Sesi inti kemudian dibawakan oleh Atrianah, seorang wirausaha batik Besurek di Bengkulu. Ia memaparkan sejarah serta keunikan batik Besurek, yang sejak lama menjadi ikon budaya daerah. Disebut Besurek karena motifnya banyak menggunakan huruf-huruf kaligrafi Arab, yang mencerminkan akulturasi budaya Islam di Bengkulu. Keunikan lain dari batik ini adalah kemampuannya berpadu dengan simbol-simbol lokal, seperti bunga Rafflesia – bunga kebanggaan Bengkulu, burung Kuau, serta relung paku yang banyak dijumpai di hutan tropis daerah ini.

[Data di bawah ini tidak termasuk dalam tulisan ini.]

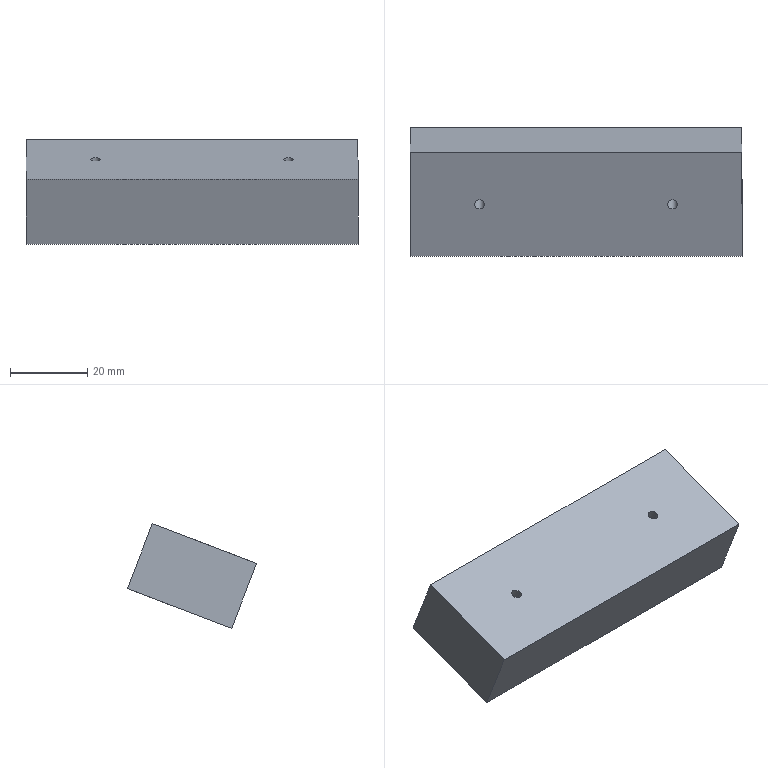Component | SolidWorks | CV-BA-74X27-1 | 1 solid | 19 faces | box 86 x 33.42 x 27.14 mm | volume 43255 mm3 | plane 11 | cylinder 4 | cone 4 | commonest cylinder face diameters 2.5 x4
build123d program:
from build123d import *

# Parameters (mm, degrees)
SKETCH1_W             = 86
SKETCH1_H             = 28.9
BOSS_EXTRUDE1_DEPTH   = 18
SKETCH2_W             = 57.364
SKETCH2_H             = 24.341
CUT_EXTRUDE1_DEPTH    = 1
M3_TAPPED_HOLE1_D     = 2.5
M3_TAPPED_HOLE1_DEPTH = 8.5
M3_TAPPED_HOLE1_TIP   = 0.7511


with BuildPart() as part:
    # Sketch1 → Boss-Extrude1 (new body)
    with BuildSketch(Plane.XY):
        Rectangle(SKETCH1_W, SKETCH1_H)
    extrude(amount=BOSS_EXTRUDE1_DEPTH)

    # Sketch2 → Cut-Extrude1 (cut)
    with BuildSketch(Plane.XY.offset(18)):
        Rectangle(SKETCH2_W, SKETCH2_H)
    extrude(amount=-CUT_EXTRUDE1_DEPTH, mode=Mode.SUBTRACT)

    # M3 Tapped Hole1
    with Locations(Plane(origin=(0, 0, 0), x_dir=(-1, 0, 0), z_dir=(0, 0, -1))):
        with Locations((-25, 0), (25, 0)):
            Hole(M3_TAPPED_HOLE1_D / 2, depth=M3_TAPPED_HOLE1_DEPTH)
            with Locations((0, 0, -(M3_TAPPED_HOLE1_DEPTH + M3_TAPPED_HOLE1_TIP / 2))):  # 118° drill point
                Cone(0, M3_TAPPED_HOLE1_D / 2, M3_TAPPED_HOLE1_TIP, mode=Mode.SUBTRACT)


solid = part.part

# Placed as in the assembly
solid = solid.moved(Location((-143.297, 122.354, 409.108), (-159.065, 0, 0)))
STEP:
#1=COLOUR_RGB('',0.7922,0.8196,0.9333);
#2=FILL_AREA_STYLE_COLOUR('',#1);
#3=FILL_AREA_STYLE('',(#2));
#4=SURFACE_STYLE_FILL_AREA(#3);
#5=SURFACE_SIDE_STYLE('',(#4));
#6=SURFACE_STYLE_USAGE(.BOTH.,#5);
#7=PRESENTATION_STYLE_ASSIGNMENT((#6));
#8=CARTESIAN_POINT('',(-4.608,4.937,15.794));
#9=VERTEX_POINT('',#8);
#10=CARTESIAN_POINT('',(-4.707,4.937,15.794));
#11=VERTEX_POINT('',#10);
#12=CARTESIAN_POINT('',(-4.657,4.937,15.794));
#13=DIRECTION('',(0.,-0.3573,0.934));
#14=DIRECTION('',(-1.,0.,0.));
#15=AXIS2_PLACEMENT_3D('',#12,#13,#14);
#16=CIRCLE('',#15,0.04921);
#17=EDGE_CURVE('',#9,#11,#16,.T.);
#18=ORIENTED_EDGE('',*,*,#17,.F.);
#19=CARTESIAN_POINT('',(-4.608,4.817,16.107));
#20=VERTEX_POINT('',#19);
#21=CARTESIAN_POINT('',(-4.608,4.817,16.107));
#22=DIRECTION('',(0.,-0.3573,0.934));
#23=VECTOR('',#22,39.37);
#24=LINE('',#21,#23);
#25=EDGE_CURVE('',#9,#20,#24,.T.);
#26=ORIENTED_EDGE('',*,*,#25,.T.);
#27=CARTESIAN_POINT('',(-4.707,4.817,16.107));
#28=VERTEX_POINT('',#27);
#29=CARTESIAN_POINT('',(-4.657,4.817,16.107));
#30=DIRECTION('',(0.,-0.3573,0.934));
#31=DIRECTION('',(-1.,0.,0.));
#32=AXIS2_PLACEMENT_3D('',#29,#30,#31);
#33=CIRCLE('',#32,0.04921);
#34=EDGE_CURVE('',#20,#28,#33,.T.);
#35=ORIENTED_EDGE('',*,*,#34,.T.);
#36=CARTESIAN_POINT('',(-4.707,4.817,16.107));
#37=DIRECTION('',(0.,-0.3573,0.934));
#38=VECTOR('',#37,39.37);
#39=LINE('',#36,#38);
#40=EDGE_CURVE('',#11,#28,#39,.T.);
#41=ORIENTED_EDGE('',*,*,#40,.F.);
#42=EDGE_LOOP('',(#18,#26,#35,#41));
#43=FACE_OUTER_BOUND('',#42,.T.);
#44=CARTESIAN_POINT('',(-4.657,4.817,16.107));
#45=DIRECTION('',(0.,-0.3573,0.934));
#46=DIRECTION('',(-1.,0.,0.));
#47=AXIS2_PLACEMENT_3D('',#44,#45,#46);
#48=CYLINDRICAL_SURFACE('',#47,0.04921);
#49=ADVANCED_FACE('',(#43),#48,.F.);
#50=CARTESIAN_POINT('',(-4.657,4.947,15.766));
#51=VERTEX_POINT('',#50);
#52=CARTESIAN_POINT('',(-4.707,4.937,15.794));
#53=DIRECTION('',(-0.8572,-0.184,0.481));
#54=VECTOR('',#53,39.37);
#55=LINE('',#52,#54);
#56=EDGE_CURVE('',#51,#11,#55,.T.);
#57=ORIENTED_EDGE('',*,*,#56,.F.);
#58=CARTESIAN_POINT('',(-4.608,4.937,15.794));
#59=DIRECTION('',(0.8572,-0.184,0.481));
#60=VECTOR('',#59,39.37);
#61=LINE('',#58,#60);
#62=EDGE_CURVE('',#51,#9,#61,.T.);
#63=ORIENTED_EDGE('',*,*,#62,.T.);
#64=ORIENTED_EDGE('',*,*,#17,.T.);
#65=EDGE_LOOP('',(#57,#63,#64));
#66=FACE_OUTER_BOUND('',#65,.T.);
#67=CARTESIAN_POINT('',(-4.657,4.937,15.794));
#68=DIRECTION('',(0.,-0.3573,0.934));
#69=DIRECTION('',(-1.,0.,0.));
#70=AXIS2_PLACEMENT_3D('',#67,#68,#69);
#71=CONICAL_SURFACE('',#70,0.04921,1.03);
#72=ADVANCED_FACE('',(#66),#71,.F.);
#73=CARTESIAN_POINT('',(-6.577,4.937,15.794));
#74=VERTEX_POINT('',#73);
#75=CARTESIAN_POINT('',(-6.675,4.937,15.794));
#76=VERTEX_POINT('',#75);
#77=CARTESIAN_POINT('',(-6.626,4.937,15.794));
#78=DIRECTION('',(0.,-0.3573,0.934));
#79=DIRECTION('',(-1.,0.,0.));
#80=AXIS2_PLACEMENT_3D('',#77,#78,#79);
#81=CIRCLE('',#80,0.04921);
#82=EDGE_CURVE('',#74,#76,#81,.T.);
#83=ORIENTED_EDGE('',*,*,#82,.F.);
#84=CARTESIAN_POINT('',(-6.577,4.817,16.107));
#85=VERTEX_POINT('',#84);
#86=CARTESIAN_POINT('',(-6.577,4.817,16.107));
#87=DIRECTION('',(0.,-0.3573,0.934));
#88=VECTOR('',#87,39.37);
#89=LINE('',#86,#88);
#90=EDGE_CURVE('',#74,#85,#89,.T.);
#91=ORIENTED_EDGE('',*,*,#90,.T.);
#92=CARTESIAN_POINT('',(-6.675,4.817,16.107));
#93=VERTEX_POINT('',#92);
#94=CARTESIAN_POINT('',(-6.626,4.817,16.107));
#95=DIRECTION('',(0.,-0.3573,0.934));
#96=DIRECTION('',(-1.,0.,0.));
#97=AXIS2_PLACEMENT_3D('',#94,#95,#96);
#98=CIRCLE('',#97,0.04921);
#99=EDGE_CURVE('',#85,#93,#98,.T.);
#100=ORIENTED_EDGE('',*,*,#99,.T.);
#101=CARTESIAN_POINT('',(-6.675,4.817,16.107));
#102=DIRECTION('',(0.,-0.3573,0.934));
#103=VECTOR('',#102,39.37);
#104=LINE('',#101,#103);
#105=EDGE_CURVE('',#76,#93,#104,.T.);
#106=ORIENTED_EDGE('',*,*,#105,.F.);
#107=EDGE_LOOP('',(#83,#91,#100,#106));
#108=FACE_OUTER_BOUND('',#107,.T.);
#109=CARTESIAN_POINT('',(-6.626,4.817,16.107));
#110=DIRECTION('',(0.,-0.3573,0.934));
#111=DIRECTION('',(-1.,0.,0.));
#112=AXIS2_PLACEMENT_3D('',#109,#110,#111);
#113=CYLINDRICAL_SURFACE('',#112,0.04921);
#114=ADVANCED_FACE('',(#108),#113,.F.);
#115=CARTESIAN_POINT('',(-6.626,4.947,15.766));
#116=VERTEX_POINT('',#115);
#117=CARTESIAN_POINT('',(-6.675,4.937,15.794));
#118=DIRECTION('',(-0.8572,-0.184,0.481));
#119=VECTOR('',#118,39.37);
#120=LINE('',#117,#119);
#121=EDGE_CURVE('',#116,#76,#120,.T.);
#122=ORIENTED_EDGE('',*,*,#121,.F.);
#123=CARTESIAN_POINT('',(-6.577,4.937,15.794));
#124=DIRECTION('',(0.8572,-0.184,0.481));
#125=VECTOR('',#124,39.37);
#126=LINE('',#123,#125);
#127=EDGE_CURVE('',#116,#74,#126,.T.);
#128=ORIENTED_EDGE('',*,*,#127,.T.);
#129=ORIENTED_EDGE('',*,*,#82,.T.);
#130=EDGE_LOOP('',(#122,#128,#129));
#131=FACE_OUTER_BOUND('',#130,.T.);
#132=CARTESIAN_POINT('',(-6.626,4.937,15.794));
#133=DIRECTION('',(0.,-0.3573,0.934));
#134=DIRECTION('',(-1.,0.,0.));
#135=AXIS2_PLACEMENT_3D('',#132,#133,#134);
#136=CONICAL_SURFACE('',#135,0.04921,1.03);
#137=ADVANCED_FACE('',(#131),#136,.F.);
#138=CARTESIAN_POINT('',(-3.949,5.348,16.31));
#139=VERTEX_POINT('',#138);
#140=CARTESIAN_POINT('',(-3.949,4.286,15.903));
#141=VERTEX_POINT('',#140);
#142=CARTESIAN_POINT('',(-3.949,4.286,15.903));
#143=DIRECTION('',(0.,-0.934,-0.3573));
#144=VECTOR('',#143,39.37);
#145=LINE('',#142,#144);
#146=EDGE_CURVE('',#139,#141,#145,.T.);
#147=ORIENTED_EDGE('',*,*,#146,.T.);
#148=CARTESIAN_POINT('',(-3.949,4.539,15.241));
#149=VERTEX_POINT('',#148);
#150=CARTESIAN_POINT('',(-3.949,4.539,15.241));
#151=DIRECTION('',(0.,-0.3573,0.934));
#152=VECTOR('',#151,39.37);
#153=LINE('',#150,#152);
#154=EDGE_CURVE('',#149,#141,#153,.T.);
#155=ORIENTED_EDGE('',*,*,#154,.F.);
#156=CARTESIAN_POINT('',(-3.949,5.602,15.648));
#157=VERTEX_POINT('',#156);
#158=CARTESIAN_POINT('',(-3.949,4.539,15.241));
#159=DIRECTION('',(0.,-0.934,-0.3573));
#160=VECTOR('',#159,39.37);
#161=LINE('',#158,#160);
#162=EDGE_CURVE('',#157,#149,#161,.T.);
#163=ORIENTED_EDGE('',*,*,#162,.F.);
#164=CARTESIAN_POINT('',(-3.949,5.602,15.648));
#165=DIRECTION('',(0.,-0.3573,0.934));
#166=VECTOR('',#165,39.37);
#167=LINE('',#164,#166);
#168=EDGE_CURVE('',#157,#139,#167,.T.);
#169=ORIENTED_EDGE('',*,*,#168,.T.);
#170=EDGE_LOOP('',(#147,#155,#163,#169));
#171=FACE_OUTER_BOUND('',#170,.T.);
#172=CARTESIAN_POINT('',(-3.949,4.539,15.241));
#173=DIRECTION('',(-1.,-0.,0.));
#174=DIRECTION('',(-0.,0.3573,-0.934));
#175=AXIS2_PLACEMENT_3D('',#172,#173,#174);
#176=PLANE('',#175);
#177=ADVANCED_FACE('',(#171),#176,.F.);
#178=CARTESIAN_POINT('',(-7.335,4.286,15.903));
#179=VERTEX_POINT('',#178);
#180=CARTESIAN_POINT('',(-7.335,4.286,15.903));
#181=DIRECTION('',(-1.,-0.,0.));
#182=VECTOR('',#181,39.37);
#183=LINE('',#180,#182);
#184=EDGE_CURVE('',#141,#179,#183,.T.);
#185=ORIENTED_EDGE('',*,*,#184,.T.);
#186=CARTESIAN_POINT('',(-7.335,4.539,15.241));
#187=VERTEX_POINT('',#186);
#188=CARTESIAN_POINT('',(-7.335,4.539,15.241));
#189=DIRECTION('',(0.,-0.3573,0.934));
#190=VECTOR('',#189,39.37);
#191=LINE('',#188,#190);
#192=EDGE_CURVE('',#187,#179,#191,.T.);
#193=ORIENTED_EDGE('',*,*,#192,.F.);
#194=CARTESIAN_POINT('',(-7.335,4.539,15.241));
#195=DIRECTION('',(-1.,-0.,0.));
#196=VECTOR('',#195,39.37);
#197=LINE('',#194,#196);
#198=EDGE_CURVE('',#149,#187,#197,.T.);
#199=ORIENTED_EDGE('',*,*,#198,.F.);
#200=ORIENTED_EDGE('',*,*,#154,.T.);
#201=EDGE_LOOP('',(#185,#193,#199,#200));
#202=FACE_OUTER_BOUND('',#201,.T.);
#203=CARTESIAN_POINT('',(-7.335,4.539,15.241));
#204=DIRECTION('',(-0.,0.934,0.3573));
#205=DIRECTION('',(0.,-0.3573,0.934));
#206=AXIS2_PLACEMENT_3D('',#203,#204,#205);
#207=PLANE('',#206);
#208=ADVANCED_FACE('',(#202),#207,.F.);
#209=CARTESIAN_POINT('',(-7.335,5.348,16.31));
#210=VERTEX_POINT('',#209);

Penjelasan Atrianah tidak hanya mengangkat sisi artistik, tetapi juga sarat makna filosofis. Setiap goresan motif memiliki nilai yang merefleksikan keharmonisan, spiritualitas, dan hubungan manusia dengan alam. Para guru tampak antusias mendengarkan penjelasan tersebut, karena tidak hanya menambah pengetahuan, tetapi juga menumbuhkan rasa kagum terhadap kekayaan budaya Nusantara.
Setelah mendapatkan pengantar, para guru diajak untuk praktik langsung membuat batik Besurek. Mereka dibagi dalam kelompok kecil beranggotakan empat orang. Setiap kelompok menyiapkan kain putih yang sudah diberi pola dengan pensil, kemudian memulai proses Nglowong/Mencanting, yaitu menorehkan malam atau lilin cair menggunakan canting sesuai pola yang telah digambar. Proses ini menjadi pengalaman yang penuh kesan. Bagi sebagian besar guru, mencanting adalah hal baru yang membutuhkan kesabaran, ketekunan, dan keterampilan tangan. Tidak jarang malam menetes tidak sesuai garis, atau garis yang dibuat terlalu tipis sehingga harus diulang. Namun, justru inilah letak pembelajaran: bahwa setiap karya indah lahir dari proses panjang dan ketelitian.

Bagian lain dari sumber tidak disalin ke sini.